19 mars 2006

Du meurtre d’Ilan Halimi à celui de Chaïb Zehaf : le racisme dans sa continuité

Présentation :
nous reproduisons cet article d'Yves Coleman, un des rédacteurs de la revue Ni Patrie Ni Frontière, démontrant par l'absurde où peut mener la distinction opérée par certains dans la prise en compte des crimes racistes suivant l'appartenance communautaire de la victime.
Le racisme divise la clase ouvrière : donc, ceux qui veulent unifier la classe ouvrière contre les patrons et leur Etat, doivent combattre tous les actes racistes, quelqu'en soient les auteurs ou les victimes.

La rédaction.

Le communiqué de la LCR à propos de l’assassinat d’Ilan Halimi exprime son empathie pour la famille d’Ilan et c’est très bien. La LCR a peur des récupérations médiatiques ou politiciennes de tout bord, elle a raison. Mais qu’est-ce qui les empêchait, elle, le MRAP, les Indigènes de la République et tous les multiculturalistes pointilleux en matière de définition de l’antisémitisme, d’appeler à un autre rassemblement pour exprimer leur point de vue tout en affirmant leur solidarité avec les Juifs et les juifs qui se sentent directement visés (à tort ou à raison, on peut en discuter) ?

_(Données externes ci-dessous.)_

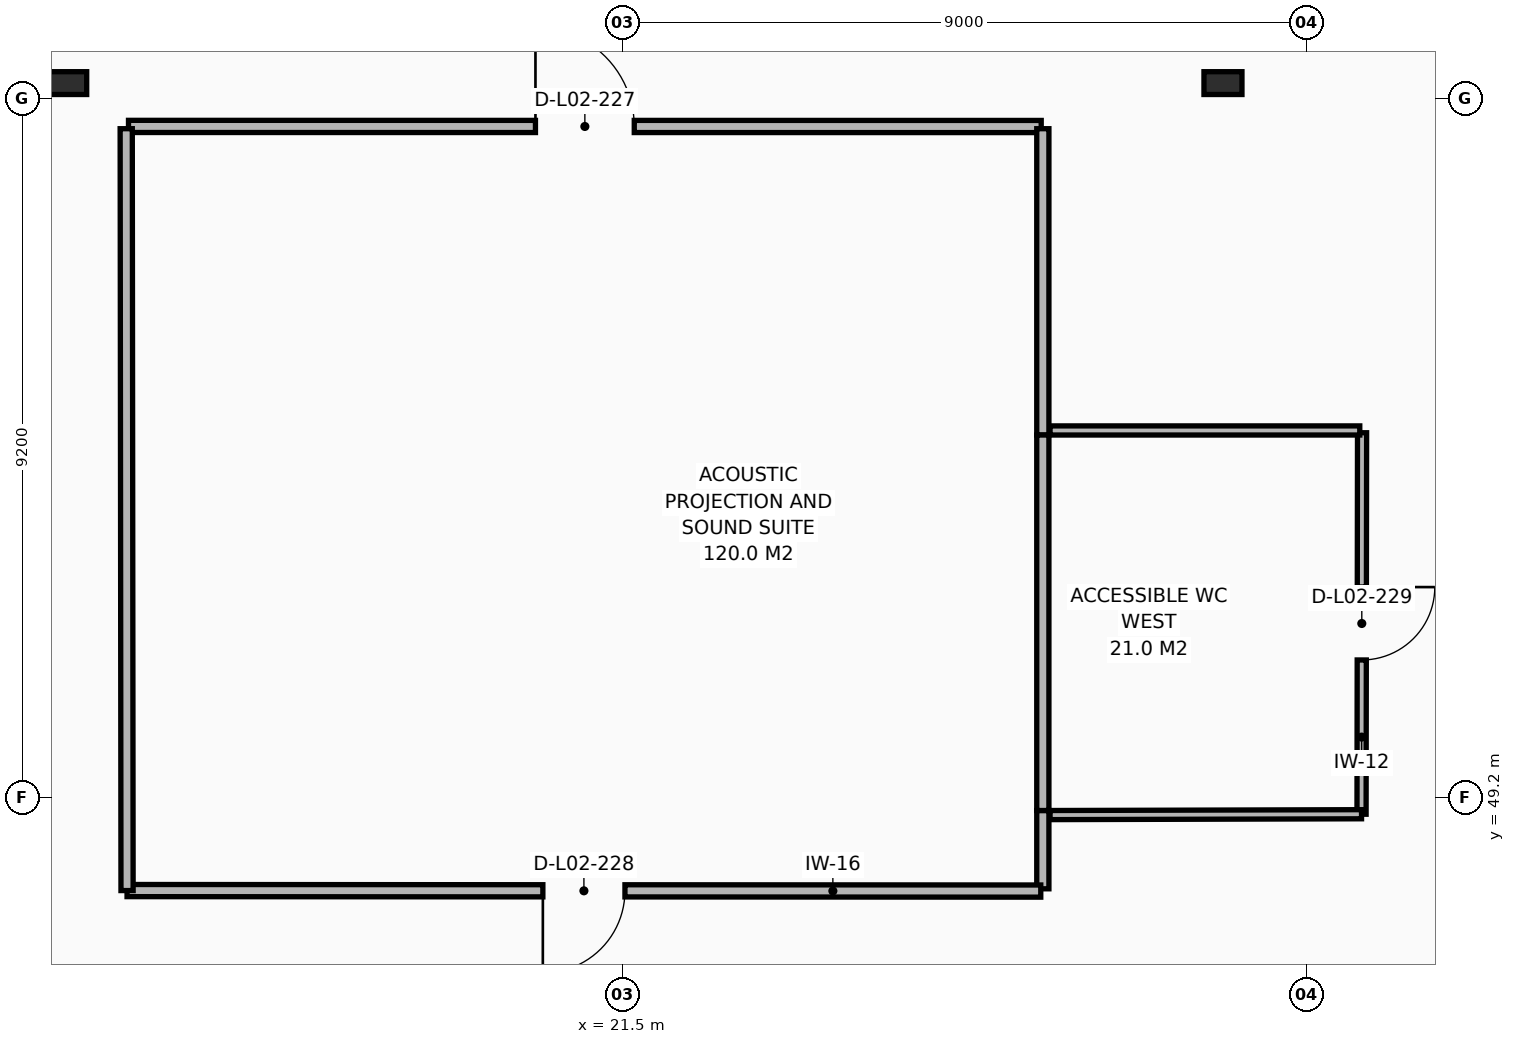
"""IFC4 building model, lengths in metres.
Left out: names, types, materials, properties, quantities, classifications, styles, units other than length and angle.
Written with IfcOpenShell. Run it as: python <this file> out.ifc"""

import sys

from ifc_helpers import new_model, si_unit, direction, frame, frame_2d, origin, origin_2d, place, context, subcontext, project, spatial, rectangle, i_section, extrude, element, fill, save


model = new_model("IFC4")
c1 = context("Model", 3, precision=1e-05, world=origin(), true_north=direction((0.0, 1.0)))
c2 = subcontext(c1, "Body", "Model", "MODEL_VIEW")
j1 = project(units=[si_unit("LENGTHUNIT", "METRE"), si_unit("PLANEANGLEUNIT", "RADIAN")], contexts=[c1])
p1 = place(None, origin())
s1 = spatial("IfcSite", under=j1, at=p1, CompositionType="ELEMENT")
p2 = place(p1, origin())
s2 = spatial("IfcBuilding", under=s1, at=p2, CompositionType="ELEMENT")
p3 = place(p2, frame((0.0, 0.0, 9.52)))
s3 = spatial("IfcBuildingStorey", under=s2, at=p3, CompositionType="ELEMENT", Elevation=9.52)
for number, where, z_axis, x_axis in (
    (1, (29.4, 58.6, 0.0), (0.0, 0.0, 1.0), (1.0, 0.0, 0.0)),
    (2, (14.2, 58.6, 0.0), (0.0, 0.0, 1.0), (1.0, 0.0, 0.0)),
):
    element("IfcColumn", number, at=place(p3, frame(where, z_axis=z_axis, x_axis=x_axis)), inside=s3, PredefinedType="COLUMN", context=c2, shape_type="SweptSolid", body=[
        extrude(i_section(OverallWidth=0.3, OverallDepth=0.5, WebThickness=0.014, FlangeThickness=0.028, FilletRadius=0.027, at=origin_2d()), origin(), (0.0, 0.0, 1.0), 4.16),
    ])
p4 = place(p3, frame((15.0, 58.03, 0.0), z_axis=(0.0, 0.0, 1.0), x_axis=(0.999999994834, -0.000101650809, 0.0)))
e3 = element("IfcWall", 3, at=p4, inside=s3, PredefinedType="PARTITIONING", context=c2, shape_type="SweptSolid", body=[
    extrude(rectangle(XDim=12.009, YDim=0.16, at=frame_2d((6.004, 0.0))), origin(), (0.0, 0.0, 1.0), 3.33),
])
p5 = place(p4, frame((5.354, 0.0, 0.0)))
e4 = element("IfcOpeningElement", 4, at=p5, cuts=e3, PredefinedType="OPENING", context=c2, shape_type="SweptSolid", body=[
    extrude(rectangle(XDim=1.3, YDim=2.15, at=frame_2d((0.65, 1.075))), frame((0.0, 0.09, 0.0), z_axis=(0.0, -1.0, 0.0), x_axis=(1.0, 0.0, 0.0)), (0.0, 0.0, 1.0), 0.18),
])
p6 = place(p3, frame((27.03, 58.0, 0.0), z_axis=(0.0, 0.0, 1.0), x_axis=(0.0, -1.0, 0.0)))
e5 = element("IfcWall", 5, at=p6, inside=s3, PredefinedType="PARTITIONING", context=c2, shape_type="SweptSolid", body=[
    extrude(rectangle(XDim=4.03, YDim=0.16, at=frame_2d((2.015, 0.0))), origin(), (0.0, 0.0, 1.0), 3.33),
])
p7 = place(p3, frame((27.03, 49.03, 0.0), z_axis=(0.0, 0.0, 1.0), x_axis=(0.0, -1.0, 0.0)))
e6 = element("IfcWall", 6, at=p7, inside=s3, PredefinedType="PARTITIONING", context=c2, shape_type="SweptSolid", body=[
    extrude(rectangle(XDim=1.03, YDim=0.16, at=frame_2d((0.515, 0.0))), origin(), (0.0, 0.0, 1.0), 3.33),
])
p8 = place(p3, frame((27.003, 47.97, 0.0), z_axis=(0.0, 0.0, 1.0), x_axis=(-0.999999849677, 0.000548312334, 0.0)))
e7 = element("IfcWall", 7, at=p8, inside=s3, PredefinedType="PARTITIONING", context=c2, shape_type="SweptSolid", body=[
    extrude(rectangle(XDim=12.022, YDim=0.16, at=frame_2d((6.011, 0.0))), origin(), (0.0, 0.0, 1.0), 3.33),
])
p9 = place(p8, frame((5.471, 0.0, 0.0)))
e8 = element("IfcOpeningElement", 8, at=p9, cuts=e7, PredefinedType="OPENING", context=c2, shape_type="SweptSolid", body=[
    extrude(rectangle(XDim=1.08, YDim=2.12, at=frame_2d((0.54, 1.06))), frame((0.0, 0.09, 0.0), z_axis=(0.0, -1.0, 0.0), x_axis=(1.0, 0.0, 0.0)), (0.0, 0.0, 1.0), 0.18),
])
p10 = place(p3, frame((14.981, 47.977, 0.0), z_axis=(0.0, 0.0, 1.0), x_axis=(-0.001096089952, 0.999999399293, 0.0)))
e9 = element("IfcWall", 9, at=p10, inside=s3, PredefinedType="PARTITIONING", context=c2, shape_type="SweptSolid", body=[
    extrude(rectangle(XDim=10.023, YDim=0.16, at=frame_2d((5.012, 0.0))), origin(), (0.0, 0.0, 1.0), 3.33),
])
p11 = place(p3, frame((31.23, 54.0, 0.0), z_axis=(0.0, 0.0, 1.0), x_axis=(-0.001361998931, -0.999999072479, 0.0)))
e10 = element("IfcWall", 10, at=p11, inside=s3, PredefinedType="PARTITIONING", context=c2, shape_type="SweptSolid", body=[
    extrude(rectangle(XDim=5.019, YDim=0.12, at=frame_2d((2.51, 0.0))), origin(), (0.0, 0.0, 1.0), 3.33),
])
p12 = place(p11, frame((2.03, 0.0, 0.0)))
e11 = element("IfcOpeningElement", 11, at=p12, cuts=e10, PredefinedType="OPENING", context=c2, shape_type="SweptSolid", body=[
    extrude(rectangle(XDim=0.96, YDim=2.1, at=frame_2d((0.48, 1.05))), frame((0.0, 0.07, 0.0), z_axis=(0.0, -1.0, 0.0), x_axis=(1.0, 0.0, 0.0)), (0.0, 0.0, 1.0), 0.14),
])
p13 = place(p3, frame((31.223, 48.981, 0.0), z_axis=(0.0, 0.0, 1.0), x_axis=(-0.99999640666, -0.0026807958, 0.0)))
e12 = element("IfcWall", 12, at=p13, inside=s3, PredefinedType="PARTITIONING", context=c2, shape_type="SweptSolid", body=[
    extrude(rectangle(XDim=4.098, YDim=0.12, at=frame_2d((2.049, 0.0))), origin(), (0.0, 0.0, 1.0), 2.92),
])
p14 = place(p3, frame((27.125, 54.03, 0.0), z_axis=(0.0, 0.0, 1.0), x_axis=(1.0, 0.0, 0.0)))
e13 = element("IfcWall", 13, at=p14, inside=s3, PredefinedType="PARTITIONING", context=c2, shape_type="SweptSolid", body=[
    extrude(rectangle(XDim=4.075, YDim=0.12, at=frame_2d((2.038, 0.0))), origin(), (0.0, 0.0, 1.0), 2.92),
])
p15 = place(p3, frame((27.03, 53.97, 0.0), z_axis=(0.0, 0.0, 1.0), x_axis=(0.0, -1.0, 0.0)))
e14 = element("IfcWall", 14, at=p15, inside=s3, PredefinedType="PARTITIONING", context=c2, shape_type="SweptSolid", body=[
    extrude(rectangle(XDim=4.94, YDim=0.16, at=frame_2d((2.47, 0.0))), origin(), (0.0, 0.0, 1.0), 3.33),
])
p16 = place(p5, origin())
e15 = element("IfcDoor", 15, at=p16, inside=s3, OperationType="SINGLE_SWING_LEFT", PredefinedType="DOOR", context=c2, shape_type="SweptSolid", body=[
    extrude(rectangle(XDim=1.3, YDim=2.15, at=frame_2d((0.65, 1.075))), frame((0.0, 0.025, 0.0), z_axis=(0.0, -1.0, 0.0), x_axis=(1.0, 0.0, 0.0)), (0.0, 0.0, 1.0), 0.05),
])
fill(e4, e15)
p17 = place(p9, origin())
e16 = element("IfcDoor", 16, at=p17, inside=s3, OperationType="SINGLE_SWING_RIGHT", PredefinedType="DOOR", context=c2, shape_type="SweptSolid", body=[
    extrude(rectangle(XDim=1.08, YDim=2.12, at=frame_2d((0.54, 1.06))), frame((0.0, 0.025, 0.0), z_axis=(0.0, -1.0, 0.0), x_axis=(1.0, 0.0, 0.0)), (0.0, 0.0, 1.0), 0.05),
])
fill(e8, e16)
p18 = place(p12, origin())
e17 = element("IfcDoor", 17, at=p18, inside=s3, OperationType="SINGLE_SWING_LEFT", PredefinedType="DOOR", context=c2, shape_type="SweptSolid", body=[
    extrude(rectangle(XDim=0.96, YDim=2.1, at=frame_2d((0.48, 1.05))), frame((0.0, 0.025, 0.0), z_axis=(0.0, -1.0, 0.0), x_axis=(1.0, 0.0, 0.0)), (0.0, 0.0, 1.0), 0.05),
])
fill(e11, e17)
save(model, sys.argv[1])

La LCR, le MRAP, etc. attendent les résultats de l’enquête de police ? OK. Et si l’on découvre que ce crime a une dimension "antisémite" qui colle pile aux critères de définition de l’antisémitisme homologués par la LCR, le MRAP, etc., que feront nos multiculturalistes à deux vitesses, à ce moment-là ? Une autocritique ? Dans quatre ans ?

Il y a dix jours, Mouloud Aounit s’est rendu auprès de la famille d’un Algérien (Chaïb Zehaf) assassiné à la sortie d’un café à Oullins, dans le Rhône, par un consommateur ivre qui a aussi blessé le cousin de M. Zehaf. Cousin qui est resté menotté et n’a été emmené à l’hôpital qu’au bout d’une heure d’interrogatoire. Mouloud Aounit n’a pas eu besoin d’une longue « enquête policière » et n’a pas attendu les conclusions du procès du meurtrier pour se déplacer et se poser publiquement (et avec raison pour une fois) des questions sur :
1) un meurtre raciste (anti-arabe)
2) le comportement raciste des policiers qui d’ailleurs quinze jours après les faits n’ont toujours pas commencer à chercher des témoins et laissent la famille du mort mener l’enquête.

Quelle est la différence avec le meurtre d'Ilan Halimi ? Absolument aucune. Dans un cas, un Juif français (ou un Français juif, comme l’on voudra) a été assassiné, dans l’autre un Algérien. Chacun a été choisi pour cible en fonction de son appartenance supposée à une « communauté » imaginaire détestée par leurs meurtriers. (Je rappelle qu’il y avait bien d’autres consommateurs dans le café d’Oullins et que l’assassin a sciemment choisi les deux Algériens.)

Mais si l’on veut appliquer la méthode de prudence de la LCR et du MRAP au second crime, on pourrait tout aussi bien affirmer que c’est "par hasard", "sous le coup de l’alcool", "dans un moment d’égarement", etc. que le meurtrier a tiré. Gageons que son avocat tiendra certainement ce discours.

Quant au comportement des policiers qui ont arrêté et menotté un témoin blessé (le cousin du mort) et ne se sont pas enquis de sa blessure, la méthode prudente de la LCR et du MRAP nous dira sans doute que les policiers n’avaient pas mis leurs lunettes, que la pièce était plongée dans l’obscurité, que le cousin était "très agité", etc. Heureusement, la police française est là, elle enquête, et la justice tricolore décidera, en toute indépendance, de ce qu’est le racisme et l’antisémitisme, car, sans leurs doctes avis, nous ne savons plus réfléchir.

Après l’enquête et le procès, dans quelques années sans doute vu la rapidité de la procédure, la LCR et le MRAP pourront prendre position en toute sérénité et deviser doctement sur le degré de racisme ou d’antisémitisme dans une affaire et dans l’autre. Entre-temps, d’autres agressions ou meurtres racistes ou antisémites se produiront, rabaissés au rang de simples faits divers (sujets à une récupération indigne pour nos multiculturalistes) ou élevés au rang d’événements politiques importants (non récupérables selon les critères scientifiques du MRAP et de la LCR), au gré de calculs totalement incompréhensibles au commun des mortels.

Triste époque que la nôtre, où l’on voit la LCR et bien d’autres braves antiracistes de gauche ou d’extrême gauche attendre le résultat des enquêtes de police et des procédures judiciaires pour prendre une position politique claire sur une question aussi élémentaire qu’un acte antisémite.